The teacher responded, “I’m afraid you don’t know your fractions. Remember, there are six of you.”

“I know,” said the boy, “but you don’t know my mother. She would say she didn’t want any pie so we could have more.”  (Author Unknown)

As mother’s, aren’t we about giving, sharing, and encouraging?  There are times, though, when a mother has nothing left to give, little to share, and few words of encouragement for the children in her life–especially when she’s parenting alone and is both mother and father.

I’ve been there several times.  With a husband in the Navy, I’ve survived three long deployments.  One with a newborn and toddler, the next with two preschoolers, and another with a 6-year-old, 7-year-old, and two teenaged boys (need I say more?).

I would guess some of you have been there, too…military wives, single moms, women with husbands who travel frequently, or those with guys who–for whatever reason–disengage from family life.

The great news is that regardless of the situation, every mother can rely on God by taking four simple steps–like my friend Jen.

The first time Jen and I met, I was struck by her honesty and haunted eyes.  She had only just arrived in Colorado after having travelled across the country in a beat-up van with several children.  At night, when her eyes could no longer focus, Jen would pull to the side of the road where she and the family slept for a few hours.  But, as miles of unfamiliar scenery unfolded in front of her, hope began growing in Jen’s chest—hope for her children and herself.  Why?  Because Jen had escaped from a life of abuse to a life of promise– much like Hagar, the woman whose name meant “stranger”.
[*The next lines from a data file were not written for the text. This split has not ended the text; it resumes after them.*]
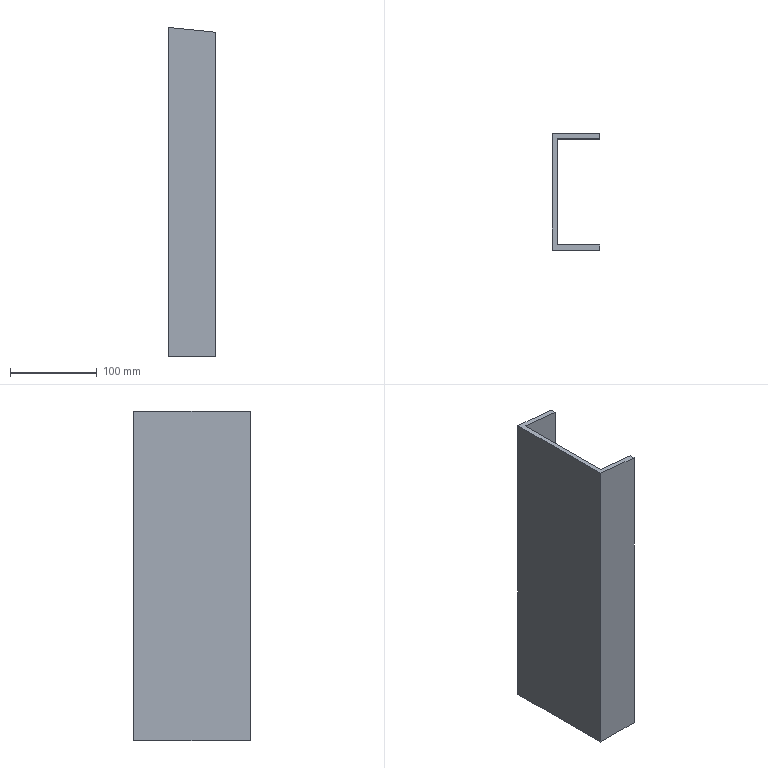Component | NX | RIGHT_FRAME450 | 1 solid | 10 faces | box 55 x 135 x 380.03 mm | volume 529247 mm3 | plane 10
STEP:
#1=CARTESIAN_POINT('',(0.,0.,0.));
#2=DIRECTION('',(0.,0.,1.));
#3=DIRECTION('',(1.,0.,0.));
#4=AXIS2_PLACEMENT_3D('',#1,#2,#3);
#5=CARTESIAN_POINT('',(1375.,1665.,380.029));
#6=VERTEX_POINT('',#5);
#7=CARTESIAN_POINT('',(1375.,1665.,-0.));
#8=VERTEX_POINT('',#7);
#9=CARTESIAN_POINT('',(1375.,1665.,400.));
#10=DIRECTION('',(0.,0.,-1.));
#11=VECTOR('',#10,1.);
#12=LINE('',#9,#11);
#13=CARTESIAN_POINT('',(1375.,1665.,400.));
#14=DIRECTION('',(-1.,0.,0.));
#15=DIRECTION('',(-0.,-1.,0.));
#16=AXIS2_PLACEMENT_3D('',#13,#14,#15);
#17=PLANE('',#16);
#18=CARTESIAN_POINT('',(0.,0.));
#19=DIRECTION('',(0.,-1.));
#20=VECTOR('',#19,1.);
#21=LINE('',#18,#20);
#22=(GEOMETRIC_REPRESENTATION_CONTEXT(2)PARAMETRIC_REPRESENTATION_CONTEXT()REPRESENTATION_CONTEXT('',''));
#23=DEFINITIONAL_REPRESENTATION('',(#21),#22);
#24=PCURVE('',#17,#23);
#25=CARTESIAN_POINT('',(1430.,1665.,400.));
#26=DIRECTION('',(0.,-1.,0.));
#27=DIRECTION('',(0.,0.,-1.));
#28=AXIS2_PLACEMENT_3D('',#25,#26,#27);
#29=PLANE('',#28);
#30=CARTESIAN_POINT('',(0.,-55.));
#31=DIRECTION('',(1.,0.));
#32=VECTOR('',#31,1.);
#33=LINE('',#30,#32);
#34=(GEOMETRIC_REPRESENTATION_CONTEXT(2)PARAMETRIC_REPRESENTATION_CONTEXT()REPRESENTATION_CONTEXT('',''));
#35=DEFINITIONAL_REPRESENTATION('',(#33),#34);
#36=PCURVE('',#29,#35);
#37=SURFACE_CURVE('',#12,(#24,#36),.PCURVE_S1.);
#38=EDGE_CURVE('',#6,#8,#37,.T.);
#39=ORIENTED_EDGE('',*,*,#38,.F.);
#40=CARTESIAN_POINT('',(1375.,1800.,380.029));
#41=VERTEX_POINT('',#40);
#42=CARTESIAN_POINT('',(1375.,1665.,380.029));
#43=DIRECTION('',(0.,1.,-0.));
#44=VECTOR('',#43,1.);
#45=LINE('',#42,#44);
#46=CARTESIAN_POINT('',(0.,-19.971));
#47=DIRECTION('',(-1.,-0.));
#48=VECTOR('',#47,1.);
#49=LINE('',#46,#48);
#50=(GEOMETRIC_REPRESENTATION_CONTEXT(2)PARAMETRIC_REPRESENTATION_CONTEXT()REPRESENTATION_CONTEXT('',''));
#51=DEFINITIONAL_REPRESENTATION('',(#49),#50);
#52=PCURVE('',#17,#51);
#53=CARTESIAN_POINT('',(1470.271,2035.,370.519));
#54=DIRECTION('',(0.09932,0.,0.9951));
#55=DIRECTION('',(0.9951,0.,-0.09932));
#56=AXIS2_PLACEMENT_3D('',#53,#54,#55);
#57=PLANE('',#56);
#58=CARTESIAN_POINT('',(-95.744,-370.));
#59=DIRECTION('',(0.,1.));
#60=VECTOR('',#59,1.);
#61=LINE('',#58,#60);
#62=(GEOMETRIC_REPRESENTATION_CONTEXT(2)PARAMETRIC_REPRESENTATION_CONTEXT()REPRESENTATION_CONTEXT('',''));
#63=DEFINITIONAL_REPRESENTATION('',(#61),#62);
#64=PCURVE('',#57,#63);
#65=SURFACE_CURVE('',#45,(#52,#64),.PCURVE_S1.);
#66=EDGE_CURVE('',#6,#41,#65,.T.);
#67=ORIENTED_EDGE('',*,*,#66,.T.);
#68=CARTESIAN_POINT('',(1375.,1800.,-0.));
#69=VERTEX_POINT('',#68);
#70=CARTESIAN_POINT('',(1375.,1800.,400.));
#71=DIRECTION('',(0.,0.,-1.));
#72=VECTOR('',#71,1.);
#73=LINE('',#70,#72);
#74=CARTESIAN_POINT('',(-135.,0.));
#75=DIRECTION('',(0.,-1.));
#76=VECTOR('',#75,1.);
#77=LINE('',#74,#76);
#78=(GEOMETRIC_REPRESENTATION_CONTEXT(2)PARAMETRIC_REPRESENTATION_CONTEXT()REPRESENTATION_CONTEXT('',''));
#79=DEFINITIONAL_REPRESENTATION('',(#77),#78);
#80=PCURVE('',#17,#79);
#81=CARTESIAN_POINT('',(1375.,1800.,400.));
#82=DIRECTION('',(0.,1.,0.));
#83=DIRECTION('',(0.,0.,1.));
#84=AXIS2_PLACEMENT_3D('',#81,#82,#83);
#85=PLANE('',#84);
#86=CARTESIAN_POINT('',(0.,0.));
#87=DIRECTION('',(-1.,0.));
#88=VECTOR('',#87,1.);
#89=LINE('',#86,#88);
#90=(GEOMETRIC_REPRESENTATION_CONTEXT(2)PARAMETRIC_REPRESENTATION_CONTEXT()REPRESENTATION_CONTEXT('',''));
#91=DEFINITIONAL_REPRESENTATION('',(#89),#90);
#92=PCURVE('',#85,#91);
#93=SURFACE_CURVE('',#73,(#80,#92),.PCURVE_S1.);
#94=EDGE_CURVE('',#41,#69,#93,.T.);
#95=ORIENTED_EDGE('',*,*,#94,.T.);
#96=CARTESIAN_POINT('',(1375.,1665.,-0.));
#97=DIRECTION('',(0.,1.,0.));
#98=VECTOR('',#97,1.);
#99=LINE('',#96,#98);
#100=CARTESIAN_POINT('',(0.,-400.));
#101=DIRECTION('',(-1.,0.));
#102=VECTOR('',#101,1.);
#103=LINE('',#100,#102);
#104=(GEOMETRIC_REPRESENTATION_CONTEXT(2)PARAMETRIC_REPRESENTATION_CONTEXT()REPRESENTATION_CONTEXT('',''));
#105=DEFINITIONAL_REPRESENTATION('',(#103),#104);
#106=PCURVE('',#17,#105);
#107=CARTESIAN_POINT('',(1375.,1800.,-0.));
#108=DIRECTION('',(0.,0.,-1.));
#109=DIRECTION('',(-1.,0.,0.));
#110=AXIS2_PLACEMENT_3D('',#107,#108,#109);
#111=PLANE('',#110);
#112=CARTESIAN_POINT('',(0.,-135.));
#113=DIRECTION('',(-0.,1.));
#114=VECTOR('',#113,1.);
#115=LINE('',#112,#114);
#116=(GEOMETRIC_REPRESENTATION_CONTEXT(2)PARAMETRIC_REPRESENTATION_CONTEXT()REPRESENTATION_CONTEXT('',''));
#117=DEFINITIONAL_REPRESENTATION('',(#115),#116);
#118=PCURVE('',#111,#117);
#119=SURFACE_CURVE('',#99,(#106,#118),.PCURVE_S1.);
#120=EDGE_CURVE('',#8,#69,#119,.T.);
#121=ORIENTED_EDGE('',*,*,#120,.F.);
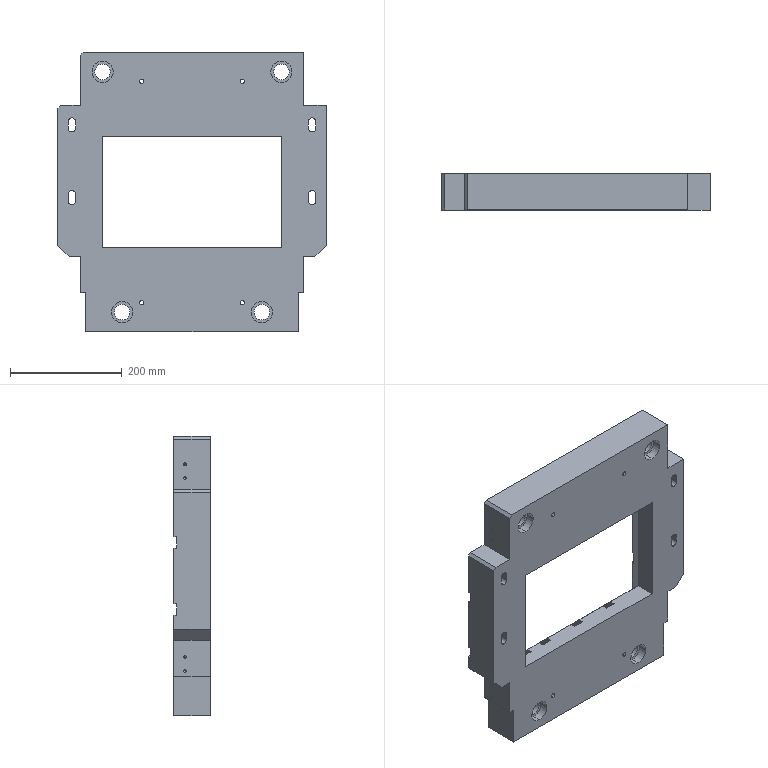Component | SolidWorks | NewDieSet-1_LowerDieSetAssembly-1_LowerDieSet-1 | 1 solid | 213 faces | volume 9141176 mm3 | plane 113 | cylinder 78 | cone 22 | commonest cylinder face diameters 5 x16 38 x16 20 x12 13.5 x12 8 x8 28 x8 10.2 x6

Hagar.  We don’t know much about her, but some Rabbinical texts suggest she may have been pharaoh’s daughter—a gift to Sarai during her time in the king’s harem.   Or, like so many others, perhaps Hagar was a poor girl whose family wanted to assure she would be given food and shelter.  Princess or pauper, Hagar was a young Egyptian woman who had been a servant for 10 years in a foreign land.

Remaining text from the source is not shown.